3 years ago | 6 min read

Photo by Fizkes via Shutterstock

When the structure discourages honesty, can we blame people for lying?

We’ve all come to accept that people will lie to the boss in order to look good: it feels like an inevitable fact of life. But there’s an alternative, and it’s extremely affordable. If you want an honest workplace, there are two near-universal habits you need to break:

  • Performance review/appraisal should not be conducted by a person’s immediate supervisor
  • Recognize that ‘going over the boss’s head’ is a good thing

In other words, what I’m asking you to do is to defy two universally accepted assumptions about how people should be managed. Well, not quite universally accepted — the concept of the ‘manager once removed’ has been gradually gaining momentum (and misunderstanding) since it was introduced by Elliott Jaques.

The problem with Jaques is that his writing is almost impenetrable, and therefore frequently misunderstood. But he was right about the “paranoiagenic organization”, and how to fix it.

Traditional supervision is a catch 22

I think an honest onboarding in many organizations would sound like this: “Hi Bob, I’d like you to meet your new supervisor. Alice is here to help you, but she’s also really busy with other work.

Your future in this organization depends on keeping her happy, so under no circumstances should you annoy her, or give her the impression that you find your work difficult. Make sure you call on her for help, but never in a way that is inconvenient, annoying, or implies that you need help.

By the way, if her demands are simply impossible, your choices are ‘complain and destroy your reputation’ or ‘fail’. Good luck.”

The solutions we put forward tend to accept this arrangement as inevitable: we then call on people to do the impossible in order to make up for it. Subordinates must be imbued with ‘the courage to speak up’ by leaders who are somehow a blend of Ghenghis Khan and Mohandas Gandhi.

And the miracle is that we have so many brave and honest people in various levels of so many organizations that things often work out well enough to get by. But it’s a miracle that’s harder and harder to believe in, as scandals like Enron provide highly visible examples that there’s something wrong.

There’s nobody I know who hasn’t seen corruption influence a work environment, at least in part because people turn out not to be saints who magically transcend the structures they live in. Structure has an influence, and fighting against it takes work.

A better path of least resistance

Managers and business owners have an opportunity to shape the path of least resistance.

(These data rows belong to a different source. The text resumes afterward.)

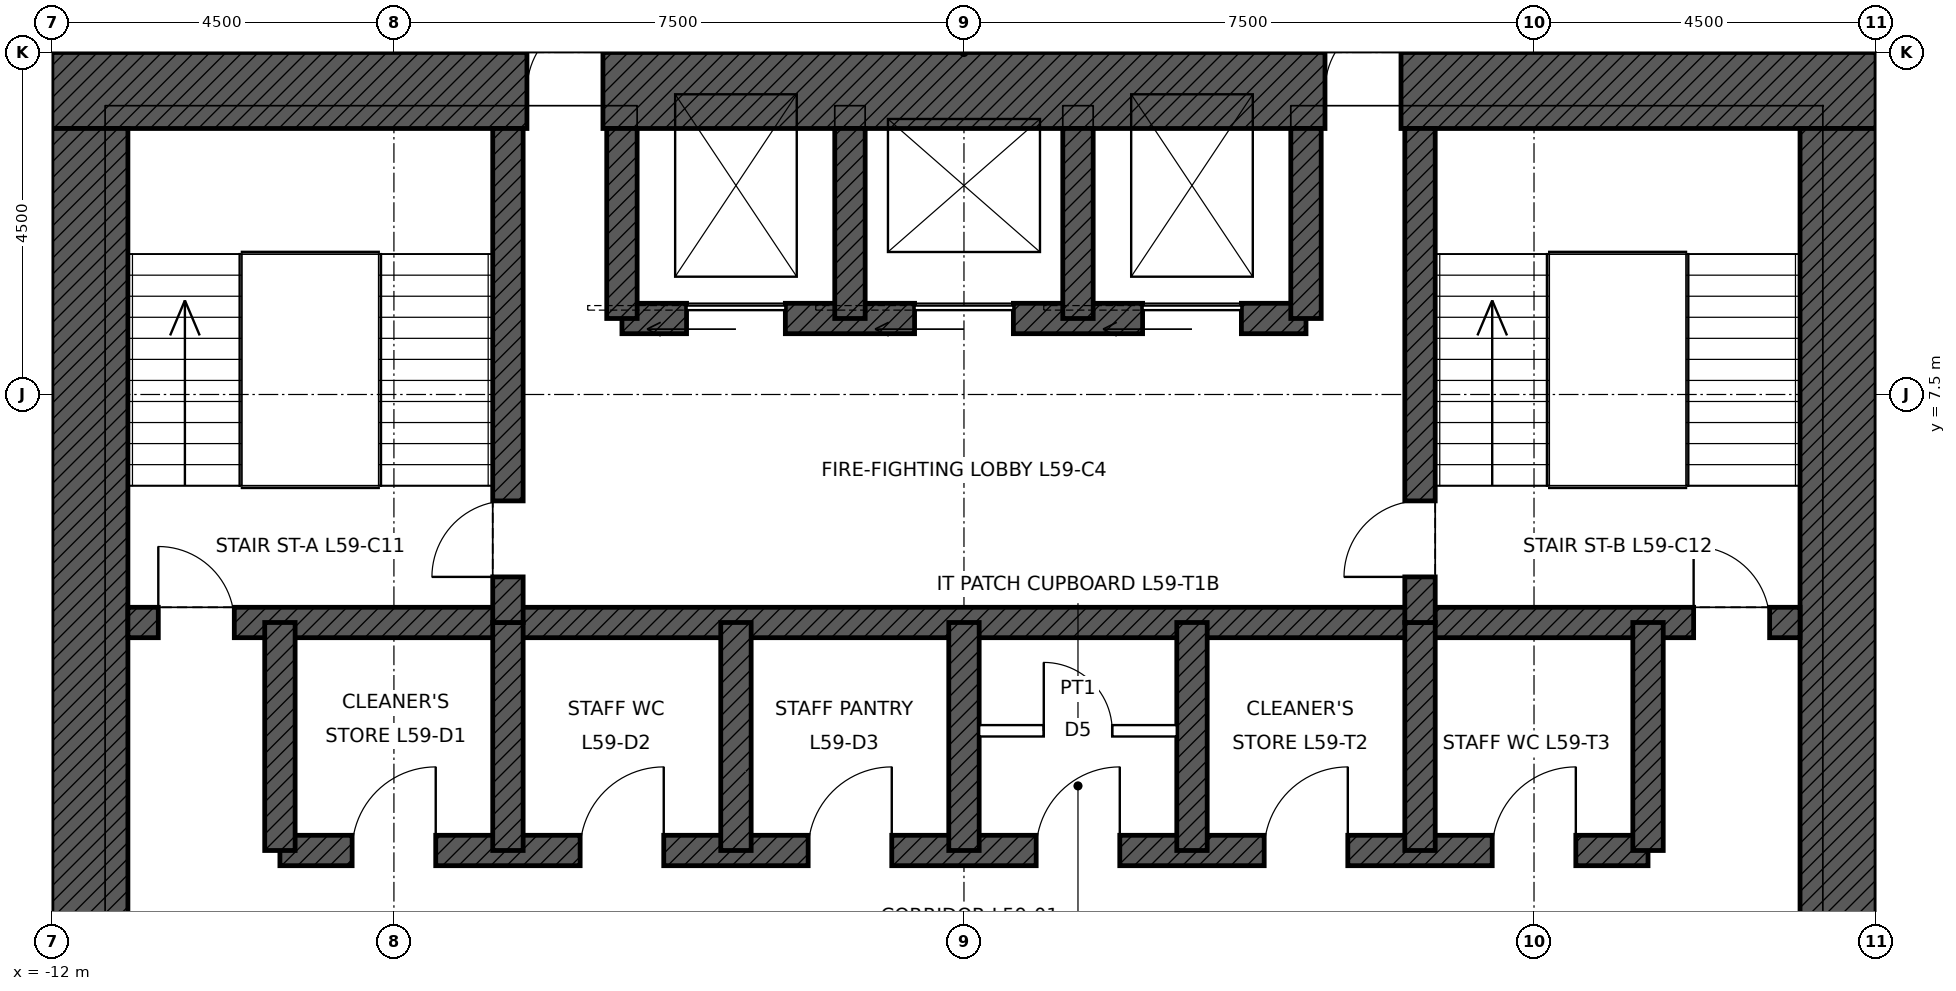
"""IFC4 building model, lengths in metres.
Left out: names, types, materials, properties, quantities, classifications, styles, units other than length and angle.
Written with IfcOpenShell. Run it as: python <this file> out.ifc"""

import sys

from ifc_helpers import new_model, si_unit, direction, frame, frame_2d, origin, place, context, subcontext, project, spatial, rectangle, extrude, element, fill, save


model = new_model("IFC4")
c1 = context("Model", 3, precision=1e-05, world=origin(), true_north=direction((0.0, 1.0)))
c2 = subcontext(c1, "Body", "Model", "MODEL_VIEW")
j1 = project(units=[si_unit("LENGTHUNIT", "METRE"), si_unit("PLANEANGLEUNIT", "RADIAN")], contexts=[c1])
p1 = place(None, origin())
s1 = spatial("IfcSite", under=j1, at=p1, CompositionType="ELEMENT")
p2 = place(p1, origin())
s2 = spatial("IfcBuilding", under=s1, at=p2, CompositionType="ELEMENT")
p3 = place(p2, frame((0.0, 0.0, 271.9)))
s3 = spatial("IfcBuildingStorey", under=s2, at=p3, CompositionType="ELEMENT", Elevation=271.9)
p4 = place(p3, frame((-12.0, 11.5, 0.0), z_axis=(0.0, 0.0, 1.0), x_axis=(1.0, 0.0, 0.0)))
e1 = element("IfcWall", 1, at=p4, inside=s3, PredefinedType="SHEAR", context=c2, shape_type="SweptSolid", body=[
    extrude(rectangle(XDim=24.0, YDim=1.0, at=frame_2d((12.0, 0.0))), origin(), (0.0, 0.0, 1.0), 4.0),
])
p5 = place(p4, frame((6.25, 0.0, 0.0)))
e2 = element("IfcOpeningElement", 2, at=p5, cuts=e1, PredefinedType="OPENING", context=c2, shape_type="SweptSolid", body=[
    extrude(rectangle(XDim=1.0, YDim=2.4, at=frame_2d((0.5, 1.2))), frame((0.0, 0.51, 0.0), z_axis=(0.0, -1.0, 0.0), x_axis=(1.0, 0.0, 0.0)), (0.0, 0.0, 1.0), 1.02),
])
p6 = place(p4, frame((16.75, 0.0, 0.0)))
e3 = element("IfcOpeningElement", 3, at=p6, cuts=e1, PredefinedType="OPENING", context=c2, shape_type="SweptSolid", body=[
    extrude(rectangle(XDim=1.0, YDim=2.4, at=frame_2d((0.5, 1.2))), frame((0.0, 0.51, 0.0), z_axis=(0.0, -1.0, 0.0), x_axis=(1.0, 0.0, 0.0)), (0.0, 0.0, 1.0), 1.02),
])
p7 = place(p3, frame((11.5, 11.0, 0.0), z_axis=(0.0, 0.0, 1.0), x_axis=(0.0, -1.0, 0.0)))
e4 = element("IfcWall", 4, at=p7, inside=s3, PredefinedType="SHEAR", context=c2, shape_type="SweptSolid", body=[
    extrude(rectangle(XDim=22.0, YDim=1.0, at=frame_2d((11.0, 0.0))), origin(), (0.0, 0.0, 1.0), 4.0),
])
p8 = place(p7, frame((10.5, 0.0, 0.0)))
e5 = element("IfcOpeningElement", 5, at=p8, cuts=e4, PredefinedType="OPENING", context=c2, shape_type="SweptSolid", body=[
    extrude(rectangle(XDim=1.0, YDim=2.4, at=frame_2d((0.5, 1.2))), frame((0.0, 0.51, 0.0), z_axis=(0.0, -1.0, 0.0), x_axis=(1.0, 0.0, 0.0)), (0.0, 0.0, 1.0), 1.02),
])
p9 = place(p3, frame((-11.5, -11.0, 0.0), z_axis=(0.0, 0.0, 1.0), x_axis=(0.0, 1.0, 0.0)))
e6 = element("IfcWall", 6, at=p9, inside=s3, PredefinedType="SHEAR", context=c2, shape_type="SweptSolid", body=[
    extrude(rectangle(XDim=22.0, YDim=1.0, at=frame_2d((11.0, 0.0))), origin(), (0.0, 0.0, 1.0), 4.0),
])
p10 = place(p9, frame((10.5, 0.0, 0.0)))
e7 = element("IfcOpeningElement", 7, at=p10, cuts=e6, PredefinedType="OPENING", context=c2, shape_type="SweptSolid", body=[
    extrude(rectangle(XDim=1.0, YDim=2.4, at=frame_2d((0.5, 1.2))), frame((0.0, 0.51, 0.0), z_axis=(0.0, -1.0, 0.0), x_axis=(1.0, 0.0, 0.0)), (0.0, 0.0, 1.0), 1.02),
])
p11 = place(p3, frame((-11.0, 4.5, 0.0), z_axis=(0.0, 0.0, 1.0), x_axis=(1.0, 0.0, 0.0)))
e8 = element("IfcWall", 8, at=p11, inside=s3, PredefinedType="SHEAR", context=c2, shape_type="SweptSolid", body=[
    extrude(rectangle(XDim=22.0, YDim=0.4, at=frame_2d((11.0, 0.0))), origin(), (0.0, 0.0, 1.0), 4.0),
])
p12 = place(p11, frame((0.4, 0.0, 0.0)))
e9 = element("IfcOpeningElement", 9, at=p12, cuts=e8, PredefinedType="OPENING", context=c2, shape_type="SweptSolid", body=[
    extrude(rectangle(XDim=1.0, YDim=2.1, at=frame_2d((0.5, 1.05))), frame((0.0, 0.21, 0.0), z_axis=(0.0, -1.0, 0.0), x_axis=(1.0, 0.0, 0.0)), (0.0, 0.0, 1.0), 0.42),
])
p13 = place(p11, frame((20.6, 0.0, 0.0)))
e10 = element("IfcOpeningElement", 10, at=p13, cuts=e8, PredefinedType="OPENING", context=c2, shape_type="SweptSolid", body=[
    extrude(rectangle(XDim=1.0, YDim=2.1, at=frame_2d((0.5, 1.05))), frame((0.0, 0.21, 0.0), z_axis=(0.0, -1.0, 0.0), x_axis=(1.0, 0.0, 0.0)), (0.0, 0.0, 1.0), 0.42),
])
p14 = place(p3, frame((-9.0, 1.5, 0.0), z_axis=(0.0, 0.0, 1.0), x_axis=(1.0, 0.0, 0.0)))
e11 = element("IfcWall", 11, at=p14, inside=s3, PredefinedType="SHEAR", context=c2, shape_type="SweptSolid", body=[
    extrude(rectangle(XDim=18.0, YDim=0.4, at=frame_2d((9.0, 0.0))), origin(), (0.0, 0.0, 1.0), 4.0),
])
p15 = place(p14, frame((0.95, 0.0, 0.0)))
e12 = element("IfcOpeningElement", 12, at=p15, cuts=e11, PredefinedType="OPENING", context=c2, shape_type="SweptSolid", body=[
    extrude(rectangle(XDim=1.1, YDim=2.1, at=frame_2d((0.55, 1.05))), frame((0.0, 0.21, 0.0), z_axis=(0.0, -1.0, 0.0), x_axis=(1.0, 0.0, 0.0)), (0.0, 0.0, 1.0), 0.42),
])
p16 = place(p14, frame((3.95, 0.0, 0.0)))
e13 = element("IfcOpeningElement", 13, at=p16, cuts=e11, PredefinedType="OPENING", context=c2, shape_type="SweptSolid", body=[
    extrude(rectangle(XDim=1.1, YDim=2.1, at=frame_2d((0.55, 1.05))), frame((0.0, 0.21, 0.0), z_axis=(0.0, -1.0, 0.0), x_axis=(1.0, 0.0, 0.0)), (0.0, 0.0, 1.0), 0.42),
])
p17 = place(p14, frame((6.95, 0.0, 0.0)))
e14 = element("IfcOpeningElement", 14, at=p17, cuts=e11, PredefinedType="OPENING", context=c2, shape_type="SweptSolid", body=[
    extrude(rectangle(XDim=1.1, YDim=2.1, at=frame_2d((0.55, 1.05))), frame((0.0, 0.21, 0.0), z_axis=(0.0, -1.0, 0.0), x_axis=(1.0, 0.0, 0.0)), (0.0, 0.0, 1.0), 0.42),
])
p18 = place(p14, frame((9.95, 0.0, 0.0)))
e15 = element("IfcOpeningElement", 15, at=p18, cuts=e11, PredefinedType="OPENING", context=c2, shape_type="SweptSolid", body=[
    extrude(rectangle(XDim=1.1, YDim=2.1, at=frame_2d((0.55, 1.05))), frame((0.0, 0.21, 0.0), z_axis=(0.0, -1.0, 0.0), x_axis=(1.0, 0.0, 0.0)), (0.0, 0.0, 1.0), 0.42),
])
p19 = place(p14, frame((12.95, 0.0, 0.0)))
e16 = element("IfcOpeningElement", 16, at=p19, cuts=e11, PredefinedType="OPENING", context=c2, shape_type="SweptSolid", body=[
    extrude(rectangle(XDim=1.1, YDim=2.1, at=frame_2d((0.55, 1.05))), frame((0.0, 0.21, 0.0), z_axis=(0.0, -1.0, 0.0), x_axis=(1.0, 0.0, 0.0)), (0.0, 0.0, 1.0), 0.42),
])
p20 = place(p14, frame((15.95, 0.0, 0.0)))
e17 = element("IfcOpeningElement", 17, at=p20, cuts=e11, PredefinedType="OPENING", context=c2, shape_type="SweptSolid", body=[
    extrude(rectangle(XDim=1.1, YDim=2.1, at=frame_2d((0.55, 1.05))), frame((0.0, 0.21, 0.0), z_axis=(0.0, -1.0, 0.0), x_axis=(1.0, 0.0, 0.0)), (0.0, 0.0, 1.0), 0.42),
])
p21 = place(p3, frame((-4.5, 8.5, 0.0), z_axis=(0.0, 0.0, 1.0), x_axis=(1.0, 0.0, 0.0)))
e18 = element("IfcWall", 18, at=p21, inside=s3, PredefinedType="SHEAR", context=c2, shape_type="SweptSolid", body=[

Wouldn’t it be nice if the onboarding looked more like this: “Hi Bob, this is Alice. Her job is to get results, so she needs you to get results, and she’s willing to help where she can. Sometimes, when you ask for help or challenge her decisions, she won’t like it very much.

Try not to be unreasonable or waste her time when you ask for help. And this is Charlie, they’ll be making decisions about your pay and whether you get promoted or not. They’ll take into account the fairness of the demands placed on you, and the way you respond to those demands.”

Things are looking better for Bob in this situation. The person he can’t help but annoy is not his only source of support: if he can convince Charlie that he’s capable of doing great work, then Alice’s opinion of him is no longer an overwhelming threat to his organizational survival.

Did we just solve the problem, or merely shift it?

But wait a minute: haven’t we now put Alice in an impossible situation? If Bob fails, his incentive is to blame Alice. And if he succeeds, then Alice doesn’t benefit from it. Bob’s job is far simpler than Alice’s job, and Alice has a lot of people under her supervision. It’s much easier for him to put together a really good case for why Alice is failing than it is for Alice to respond. So isn’t Alice bound to suffer when Charlie reviews her?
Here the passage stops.